We will train a simple RNN model and train in with SGD algorithm: 

In [None]:
print('Building model...', end=' ')

model = Sequential()
model.add(Embedding(input_length=sequence_len, input_dim=vocab_size, output_dim=50, mask_zero=True)) 
# Set mask_zero=False when using CNN
model.add(SimpleRNN(64))
model.add(Dense(1, activation='sigmoid'))
model.compile(loss='binary_crossentropy', optimizer=SGD(), metrics=['accuracy'])
print('done')

print('Training model..')
x_train = np.array(train_data.instances, np.float32)
y_train = np.array(train_data.labels, np.int32)
x_valid = np.array(valid_data.instances, np.float32)
y_valid = np.array(valid_data.labels, np.int32)
model.fit(x=x_train, y=y_train, validation_data=(x_valid, y_valid), batch_size=32, epochs=5, verbose=2)
print('Training comleted')


Finally, lets evaluate our trained model once again on validatation split, to confirm the final accuracy of the solution:

In [None]:
print("Final validation..")
_, acc = model.evaluate(x_valid, y_valid, verbose=2)
print("Accuracy on validation set: {:.3f}".format(acc))
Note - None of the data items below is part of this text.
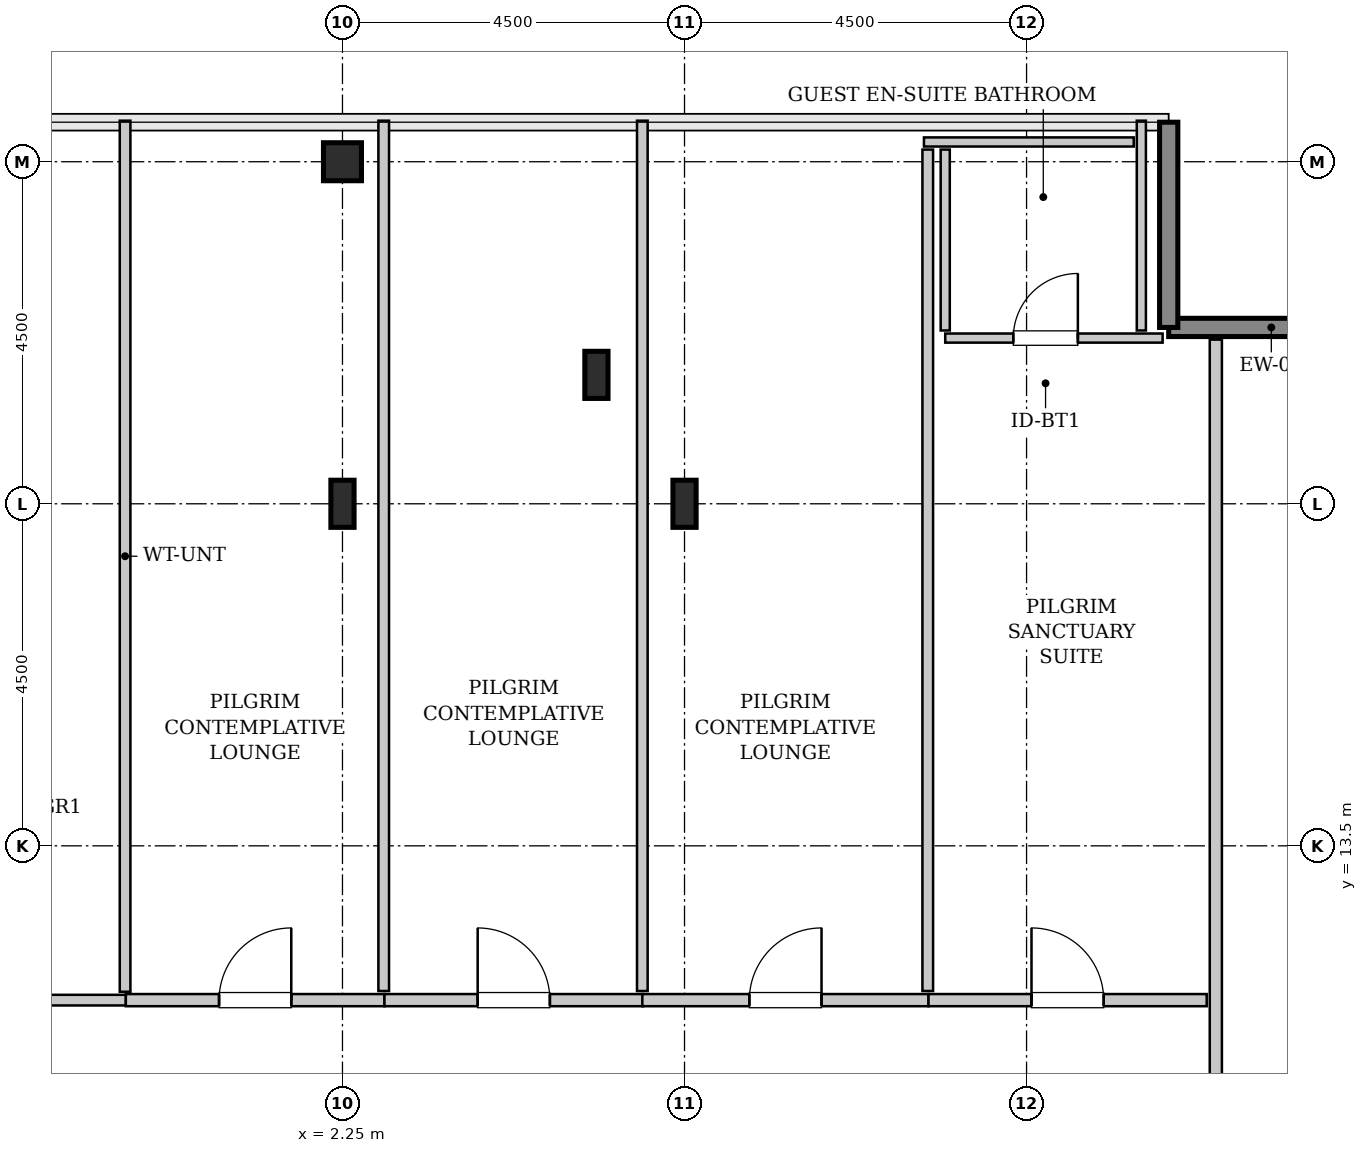
"""IFC4 building model, lengths in metres.
Left out: names, types, materials, properties, quantities, classifications, styles, units other than length and angle.
Written with IfcOpenShell. Run it as: python <this file> out.ifc"""

import sys

from ifc_helpers import new_model, si_unit, direction, frame, frame_2d, origin, origin_2d, place, context, subcontext, project, spatial, rectangle, hollow_rectangle, i_section, extrude, source, transform, mapped, element, fill, save


model = new_model("IFC4")
c1 = context("Model", 3, precision=1e-05, world=origin(), true_north=direction((0.0, 1.0)))
c2 = subcontext(c1, "Body", "Model", "MODEL_VIEW")
j1 = project(units=[si_unit("LENGTHUNIT", "METRE"), si_unit("PLANEANGLEUNIT", "RADIAN")], contexts=[c1])
p1 = place(None, origin())
s1 = spatial("IfcSite", under=j1, at=p1, CompositionType="ELEMENT")
p2 = place(p1, origin())
s2 = spatial("IfcBuilding", under=s1, at=p2, CompositionType="ELEMENT")
p3 = place(p2, frame((0.0, 0.0, 341.4)))
s3 = spatial("IfcBuildingStorey", under=s2, at=p3, CompositionType="ELEMENT", Elevation=341.4)
m1 = source(origin(), c2, "Body", "SweptSolid", [
    extrude(i_section(OverallWidth=0.305, OverallDepth=0.62, WebThickness=0.021, FlangeThickness=0.04, FilletRadius=0.027, at=origin_2d()), origin(), (0.0, 0.0, 1.0), 3.8),
])
p4 = place(p3, frame((2.25, 18.0, 0.0), z_axis=(0.0, 0.0, 1.0), x_axis=(1.0, 0.0, 0.0)))
e1 = element("IfcColumn", 1, at=p4, inside=s3, PredefinedType="COLUMN", context=c2, shape_type="MappedRepresentation", body=[
    mapped(m1, transform((0.0, 0.0, 0.0), x_axis=(1.0, 0.0, 0.0), y_axis=(0.0, 1.0, 0.0), z_axis=(0.0, 0.0, 1.0), scale=1.0)),
])
m2 = source(origin(), c2, "Body", "SweptSolid", [
    extrude(hollow_rectangle(XDim=0.5, YDim=0.5, WallThickness=0.025, InnerFilletRadius=0.025, OuterFilletRadius=0.05, at=origin_2d()), origin(), (0.0, 0.0, 1.0), 3.8),
])
p5 = place(p3, frame((2.25, 22.5, 0.0), z_axis=(0.0, 0.0, 1.0), x_axis=(1.0, 0.0, 0.0)))
e2 = element("IfcColumn", 2, at=p5, inside=s3, PredefinedType="COLUMN", context=c2, shape_type="MappedRepresentation", body=[
    mapped(m2, transform((0.0, 0.0, 0.0), x_axis=(1.0, 0.0, 0.0), y_axis=(0.0, 1.0, 0.0), z_axis=(0.0, 0.0, 1.0), scale=1.0)),
])
for number, where, z_axis, x_axis in (
    (3, (5.591, 19.696, 0.0), (0.0, 0.0, 1.0), (1.0, 0.0, 0.0)),
    (4, (6.75, 18.0, 0.0), (0.0, 0.0, 1.0), (1.0, 0.0, 0.0)),
):
    element("IfcColumn", number, at=place(p3, frame(where, z_axis=z_axis, x_axis=x_axis)), inside=s3, PredefinedType="COLUMN", context=c2, shape_type="MappedRepresentation", body=[
        mapped(m1, transform((0.0, 0.0, 0.0), x_axis=(1.0, 0.0, 0.0), y_axis=(0.0, 1.0, 0.0), z_axis=(0.0, 0.0, 1.0), scale=1.0)),
    ])
m3 = source(origin(), c2, "Body", "SweptSolid", [
    extrude(rectangle(XDim=2.7, YDim=0.24, at=frame_2d((1.35, 0.0))), origin(), (0.0, 0.0, 1.0), 3.55),
])
for number, where, z_axis, x_axis in (
    (5, (15.82, 20.32, 0.0), (0.0, 0.0, 1.0), (-1.0, 0.0, 0.0)),
    (6, (13.12, 20.32, 0.0), (0.0, 0.0, 1.0), (0.0, 1.0, 0.0)),
):
    element("IfcWall", number, at=place(p3, frame(where, z_axis=z_axis, x_axis=x_axis)), inside=s3, PredefinedType="SHEAR", context=c2, shape_type="MappedRepresentation", body=[
        mapped(m3, transform((0.0, 0.0, 0.0), x_axis=(1.0, 0.0, 0.0), y_axis=(0.0, 1.0, 0.0), z_axis=(0.0, 0.0, 1.0), scale=1.0)),
    ])
m4 = source(origin(), c2, "Body", "SweptSolid", [
    extrude(rectangle(XDim=2.86, YDim=0.12, at=frame_2d((1.43, 0.0))), origin(), (0.0, 0.0, 1.0), 3.535),
])
p6 = place(p3, frame((10.18, 20.18, 0.0), z_axis=(0.0, 0.0, 1.0), x_axis=(1.0, 0.0, 0.0)))
e7 = element("IfcWall", 7, at=p6, inside=s3, PredefinedType="PLUMBINGWALL", context=c2, shape_type="MappedRepresentation", body=[
    mapped(m4, transform((0.0, 0.0, 0.0), x_axis=(1.0, 0.0, 0.0), y_axis=(0.0, 1.0, 0.0), z_axis=(0.0, 0.0, 1.0), scale=1.0)),
])
p7 = place(p6, frame((0.895, 0.0, 0.0)))
e8 = element("IfcOpeningElement", 8, at=p7, cuts=e7, PredefinedType="OPENING", context=c2, shape_type="SweptSolid", body=[
    extrude(rectangle(XDim=0.85, YDim=2.1, at=frame_2d((0.425, 1.05))), frame((0.0, 0.07, 0.0), z_axis=(0.0, -1.0, 0.0), x_axis=(1.0, 0.0, 0.0)), (0.0, 0.0, 1.0), 0.14),
])
m5 = source(origin(), c2, "Body", "SweptSolid", [
    extrude(rectangle(XDim=2.76, YDim=0.12, at=frame_2d((1.38, 0.0))), origin(), (0.0, 0.0, 1.0), 3.535),
])
for number, where, z_axis, x_axis in (
    (9, (12.76, 20.28, 0.0), (0.0, 0.0, 1.0), (0.0, 1.0, 0.0)),
    (10, (9.9, 22.76, 0.0), (0.0, 0.0, 1.0), (1.0, 0.0, 0.0)),
):
    element("IfcWall", number, at=place(p3, frame(where, z_axis=z_axis, x_axis=x_axis)), inside=s3, PredefinedType="PLUMBINGWALL", context=c2, shape_type="MappedRepresentation", body=[
        mapped(m5, transform((0.0, 0.0, 0.0), x_axis=(1.0, 0.0, 0.0), y_axis=(0.0, 1.0, 0.0), z_axis=(0.0, 0.0, 1.0), scale=1.0)),
    ])
m6 = source(origin(), c2, "Body", "SweptSolid", [
    extrude(rectangle(XDim=2.38, YDim=0.12, at=frame_2d((1.19, 0.0))), origin(), (0.0, 0.0, 1.0), 3.535),
])
p8 = place(p3, frame((10.18, 20.28, 0.0), z_axis=(0.0, 0.0, 1.0), x_axis=(0.0, 1.0, 0.0)))
e11 = element("IfcWall", 11, at=p8, inside=s3, PredefinedType="PLUMBINGWALL", context=c2, shape_type="MappedRepresentation", body=[
    mapped(m6, transform((0.0, 0.0, 0.0), x_axis=(1.0, 0.0, 0.0), y_axis=(0.0, 1.0, 0.0), z_axis=(0.0, 0.0, 1.0), scale=1.0)),
])
m7 = source(origin(), c2, "Body", "SweptSolid", [
    extrude(rectangle(XDim=12.365, YDim=0.16, at=frame_2d((6.183, 0.0))), origin(), (0.0, 0.0, 1.0), 3.535),
])
p9 = place(p3, frame((13.74, 7.795, 0.0), z_axis=(0.0, 0.0, 1.0), x_axis=(0.0, 1.0, 0.0)))
e12 = element("IfcWall", 12, at=p9, inside=s3, PredefinedType="PARTITIONING", context=c2, shape_type="MappedRepresentation", body=[
    mapped(m7, transform((0.0, 0.0, 0.0), x_axis=(1.0, 0.0, 0.0), y_axis=(0.0, 1.0, 0.0), z_axis=(0.0, 0.0, 1.0), scale=1.0)),
])
p10 = place(p9, frame((1.383, 0.0, 0.0)))
e13 = element("IfcOpeningElement", 13, at=p10, cuts=e12, PredefinedType="OPENING", context=c2, shape_type="SweptSolid", body=[
    extrude(rectangle(XDim=0.95, YDim=2.1, at=frame_2d((0.475, 1.05))), frame((0.0, 0.09, 0.0), z_axis=(0.0, -1.0, 0.0), x_axis=(1.0, 0.0, 0.0)), (0.0, 0.0, 1.0), 0.18),
])
m8 = source(origin(), c2, "Body", "SweptSolid", [
    extrude(rectangle(XDim=2.21, YDim=0.14, at=frame_2d((1.105, 0.0))), origin(), (0.0, 0.0, 1.0), 3.535),
])
p11 = place(p3, frame((-2.81, 11.47, 0.0), z_axis=(0.0, 0.0, 1.0), x_axis=(1.0, 0.0, 0.0)))
e14 = element("IfcWall", 14, at=p11, inside=s3, PredefinedType="PARTITIONING", context=c2, shape_type="MappedRepresentation", body=[
    mapped(m8, transform((0.0, 0.0, 0.0), x_axis=(1.0, 0.0, 0.0), y_axis=(0.0, 1.0, 0.0), z_axis=(0.0, 0.0, 1.0), scale=1.0)),
])
m9 = source(origin(), c2, "Body", "SweptSolid", [
    extrude(rectangle(XDim=11.46, YDim=0.14, at=frame_2d((5.73, 0.0))), origin(), (0.0, 0.0, 1.0), 3.535),
])
p12 = place(p3, frame((-0.61, 11.58, 0.0), z_axis=(0.0, 0.0, 1.0), x_axis=(0.0, 1.0, 0.0)))
e15 = element("IfcWall", 15, at=p12, inside=s3, PredefinedType="PARTITIONING", context=c2, shape_type="MappedRepresentation", body=[
    mapped(m9, transform((0.0, 0.0, 0.0), x_axis=(1.0, 0.0, 0.0), y_axis=(0.0, 1.0, 0.0), z_axis=(0.0, 0.0, 1.0), scale=1.0)),
])
m10 = source(origin(), c2, "Body", "SweptSolid", [
    extrude(rectangle(XDim=3.403, YDim=0.16, at=frame_2d((1.701, 0.0))), origin(), (0.0, 0.0, 1.0), 3.535),
])
p13 = place(p3, frame((-0.6, 11.47, 0.0), z_axis=(0.0, 0.0, 1.0), x_axis=(1.0, 0.0, 0.0)))
e16 = element("IfcWall", 16, at=p13, inside=s3, PredefinedType="PARTITIONING", context=c2, shape_type="MappedRepresentation", body=[
    mapped(m10, transform((0.0, 0.0, 0.0), x_axis=(1.0, 0.0, 0.0), y_axis=(0.0, 1.0, 0.0), z_axis=(0.0, 0.0, 1.0), scale=1.0)),
])
p14 = place(p13, frame((1.226, 0.0, 0.0)))
e17 = element("IfcOpeningElement", 17, at=p14, cuts=e16, PredefinedType="OPENING", context=c2, shape_type="SweptSolid", body=[
    extrude(rectangle(XDim=0.95, YDim=2.1, at=frame_2d((0.475, 1.05))), frame((0.0, 0.09, 0.0), z_axis=(0.0, -1.0, 0.0), x_axis=(1.0, 0.0, 0.0)), (0.0, 0.0, 1.0), 0.18),
])
m11 = source(origin(), c2, "Body", "SweptSolid", [
    extrude(rectangle(XDim=11.45, YDim=0.14, at=frame_2d((5.725, 0.0))), origin(), (0.0, 0.0, 1.0), 3.535),
])
p15 = place(p3, frame((2.792, 11.59, 0.0), z_axis=(0.0, 0.0, 1.0), x_axis=(0.0, 1.0, 0.0)))
e18 = element("IfcWall", 18, at=p15, inside=s3, PredefinedType="PARTITIONING", context=c2, shape_type="MappedRepresentation", body=[
    mapped(m11, transform((0.0, 0.0, 0.0), x_axis=(1.0, 0.0, 0.0), y_axis=(0.0, 1.0, 0.0), z_axis=(0.0, 0.0, 1.0), scale=1.0)),
])
p16 = place(p3, frame((2.802, 11.47, 0.0), z_axis=(0.0, 0.0, 1.0), x_axis=(1.0, 0.0, 0.0)))
e19 = element("IfcWall", 19, at=p16, inside=s3, PredefinedType="PARTITIONING", context=c2, shape_type="MappedRepresentation", body=[
    mapped(m10, transform((0.0, 0.0, 0.0), x_axis=(1.0, 0.0, 0.0), y_axis=(0.0, 1.0, 0.0), z_axis=(0.0, 0.0, 1.0), scale=1.0)),
])
p17 = place(p16, frame((1.226, 0.0, 0.0)))
e20 = element("IfcOpeningElement", 20, at=p17, cuts=e19, PredefinedType="OPENING", context=c2, shape_type="SweptSolid", body=[
    extrude(rectangle(XDim=0.95, YDim=2.1, at=frame_2d((0.475, 1.05))), frame((0.0, 0.09, 0.0), z_axis=(0.0, -1.0, 0.0), x_axis=(1.0, 0.0, 0.0)), (0.0, 0.0, 1.0), 0.18),
])
p18 = place(p3, frame((6.195, 11.59, 0.0), z_axis=(0.0, 0.0, 1.0), x_axis=(0.0, 1.0, 0.0)))
e21 = element("IfcWall", 21, at=p18, inside=s3, PredefinedType="PARTITIONING", context=c2, shape_type="MappedRepresentation", body=[
    mapped(m11, transform((0.0, 0.0, 0.0), x_axis=(1.0, 0.0, 0.0), y_axis=(0.0, 1.0, 0.0), z_axis=(0.0, 0.0, 1.0), scale=1.0)),
])
m12 = source(origin(), c2, "Body", "SweptSolid", [
    extrude(rectangle(XDim=3.765, YDim=0.16, at=frame_2d((1.882, 0.0))), origin(), (0.0, 0.0, 1.0), 3.535),
])
p19 = place(p3, frame((6.195, 11.47, 0.0), z_axis=(0.0, 0.0, 1.0), x_axis=(1.0, 0.0, 0.0)))
e22 = element("IfcWall", 22, at=p19, inside=s3, PredefinedType="PARTITIONING", context=c2, shape_type="MappedRepresentation", body=[
    mapped(m12, transform((0.0, 0.0, 0.0), x_axis=(1.0, 0.0, 0.0), y_axis=(0.0, 1.0, 0.0), z_axis=(0.0, 0.0, 1.0), scale=1.0)),
])
p20 = place(p19, frame((1.407, 0.0, 0.0)))
e23 = element("IfcOpeningElement", 23, at=p20, cuts=e22, PredefinedType="OPENING", context=c2, shape_type="SweptSolid", body=[
    extrude(rectangle(XDim=0.95, YDim=2.1, at=frame_2d((0.475, 1.05))), frame((0.0, 0.09, 0.0), z_axis=(0.0, -1.0, 0.0), x_axis=(1.0, 0.0, 0.0)), (0.0, 0.0, 1.0), 0.18),
])
m13 = source(origin(), c2, "Body", "SweptSolid", [
    extrude(rectangle(XDim=11.07, YDim=0.14, at=frame_2d((5.535, 0.0))), origin(), (0.0, 0.0, 1.0), 3.535),
])
p21 = place(p3, frame((9.95, 11.59, 0.0), z_axis=(0.0, 0.0, 1.0), x_axis=(0.0, 1.0, 0.0)))
e24 = element("IfcWall", 24, at=p21, inside=s3, PredefinedType="PARTITIONING", context=c2, shape_type="MappedRepresentation", body=[
    mapped(m13, transform((0.0, 0.0, 0.0), x_axis=(1.0, 0.0, 0.0), y_axis=(0.0, 1.0, 0.0), z_axis=(0.0, 0.0, 1.0), scale=1.0)),
])
m14 = source(origin(), c2, "Body", "SweptSolid", [
    extrude(rectangle(XDim=3.66, YDim=0.16, at=frame_2d((1.83, 0.0))), origin(), (0.0, 0.0, 1.0), 3.535),
])
p22 = place(p3, frame((9.96, 11.47, 0.0), z_axis=(0.0, 0.0, 1.0), x_axis=(1.0, 0.0, 0.0)))
e25 = element("IfcWall", 25, at=p22, inside=s3, PredefinedType="PARTITIONING", context=c2, shape_type="MappedRepresentation", body=[
    mapped(m14, transform((0.0, 0.0, 0.0), x_axis=(1.0, 0.0, 0.0), y_axis=(0.0, 1.0, 0.0), z_axis=(0.0, 0.0, 1.0), scale=1.0)),
])
p23 = place(p22, frame((1.355, 0.0, 0.0)))
e26 = element("IfcOpeningElement", 26, at=p23, cuts=e25, PredefinedType="OPENING", context=c2, shape_type="SweptSolid", body=[
    extrude(rectangle(XDim=0.95, YDim=2.1, at=frame_2d((0.475, 1.05))), frame((0.0, 0.09, 0.0), z_axis=(0.0, -1.0, 0.0), x_axis=(1.0, 0.0, 0.0)), (0.0, 0.0, 1.0), 0.18),
])
m15 = source(origin(), c2, "Body", "SweptSolid", [
    extrude(rectangle(XDim=0.85, YDim=2.1, at=frame_2d((0.425, 1.05))), frame((0.0, 0.025, 0.0), z_axis=(0.0, -1.0, 0.0), x_axis=(1.0, 0.0, 0.0)), (0.0, 0.0, 1.0), 0.05),
])
p24 = place(p7, origin())
e27 = element("IfcDoor", 27, at=p24, inside=s3, OperationType="SINGLE_SWING_RIGHT", PredefinedType="DOOR", context=c2, shape_type="MappedRepresentation", body=[
    mapped(m15, transform((0.0, 0.0, 0.0), x_axis=(1.0, 0.0, 0.0), y_axis=(0.0, 1.0, 0.0), z_axis=(0.0, 0.0, 1.0), scale=1.0)),
])
fill(e8, e27)
m16 = source(origin(), c2, "Body", "SweptSolid", [
    extrude(rectangle(XDim=0.95, YDim=2.1, at=frame_2d((0.475, 1.05))), frame((0.0, 0.025, 0.0), z_axis=(0.0, -1.0, 0.0), x_axis=(1.0, 0.0, 0.0)), (0.0, 0.0, 1.0), 0.05),
])
p25 = place(p14, origin())
e28 = element("IfcDoor", 28, at=p25, inside=s3, OperationType="SINGLE_SWING_RIGHT", PredefinedType="DOOR", context=c2, shape_type="MappedRepresentation", body=[
    mapped(m16, transform((0.0, 0.0, 0.0), x_axis=(1.0, 0.0, 0.0), y_axis=(0.0, 1.0, 0.0), z_axis=(0.0, 0.0, 1.0), scale=1.0)),
])
fill(e17, e28)
p26 = place(p17, origin())
e29 = element("IfcDoor", 29, at=p26, inside=s3, OperationType="SINGLE_SWING_LEFT", PredefinedType="DOOR", context=c2, shape_type="MappedRepresentation", body=[
    mapped(m16, transform((0.0, 0.0, 0.0), x_axis=(1.0, 0.0, 0.0), y_axis=(0.0, 1.0, 0.0), z_axis=(0.0, 0.0, 1.0), scale=1.0)),
])
fill(e20, e29)
p27 = place(p20, origin())
e30 = element("IfcDoor", 30, at=p27, inside=s3, OperationType="SINGLE_SWING_RIGHT", PredefinedType="DOOR", context=c2, shape_type="MappedRepresentation", body=[
    mapped(m16, transform((0.0, 0.0, 0.0), x_axis=(1.0, 0.0, 0.0), y_axis=(0.0, 1.0, 0.0), z_axis=(0.0, 0.0, 1.0), scale=1.0)),
])
fill(e23, e30)
p28 = place(p23, origin())
e31 = element("IfcDoor", 31, at=p28, inside=s3, OperationType="SINGLE_SWING_LEFT", PredefinedType="DOOR", context=c2, shape_type="MappedRepresentation", body=[
    mapped(m16, transform((0.0, 0.0, 0.0), x_axis=(1.0, 0.0, 0.0), y_axis=(0.0, 1.0, 0.0), z_axis=(0.0, 0.0, 1.0), scale=1.0)),
])
fill(e26, e31)
save(model, sys.argv[1])

## Excercise 1 (warmup): Display performance on Training set 

Similarly to validation split evaluation, please evalate your model on training data and examine the performance. The difference between training and validation accuracy will give you some insight about generalization of the model.

## Excercise 2: Improve network performance

Default network architecture should achieve ~60% accuracy on the Disasters dataset. It's better than random, but still not satisfactory. Please use the knowledge acquired during presentation (about different network architectures, optimization algorithms, etc) to improve the model. Try to reach 80% accucary, or even more!

## Excercise 3: Generate network predictions for example text data

Please write simple code that will generate predictions for the list of custom sentences, for example:
```
texts = ['Fiery 14-vehicle crash on Highway 400 kills 3',
         'I have a crush on Monica']
```
the output should look like this:

```
1.000 -> Fiery 14-vehicle crash on Highway 400 kills 3
0.000 -> I have a crush on Monica

```


Hits:
- The example texts should be processed in the similar way as we processed training data
    - Use to `keras.preprocessing.sequence` with `sequence_len` parameter filled to  pad encoded data to desired length:
```
keras.preprocessing.sequence.pad_sequences(sequences=..., sequence_len=desired_len)
``` 

- Use `model.predict()` method to generate predictions for the data 
- The `EarlyStopping` callback can be used to stop training when the validation score stops increasing:

```
from tensorflow.python.keras.callbacks import EarlyStopping

early_stopping = EarlyStopping(monitor='val_acc', mode='max')
model.fit(x=..., y=..., epochs=100, callbacks=[early_stopping])
```
  Another option is to reduce the decrease the number of epochs to have the best model trained in the last epoch.


## Excercise 4: Display misclassified examples for error analysis

Manual inspection of misclassified examples (error analysis) is a good way to get insight about the model behaviour and source of ideas for possible improvements. Using the code from previous excercise, try to display misclassified examples from validation data and see whether you see any patterns in the errors that the network is doing. Assume that `Disasterous` label is chosen when the prediction is > 0.5, otherwise the tweet is treated as `Casual`.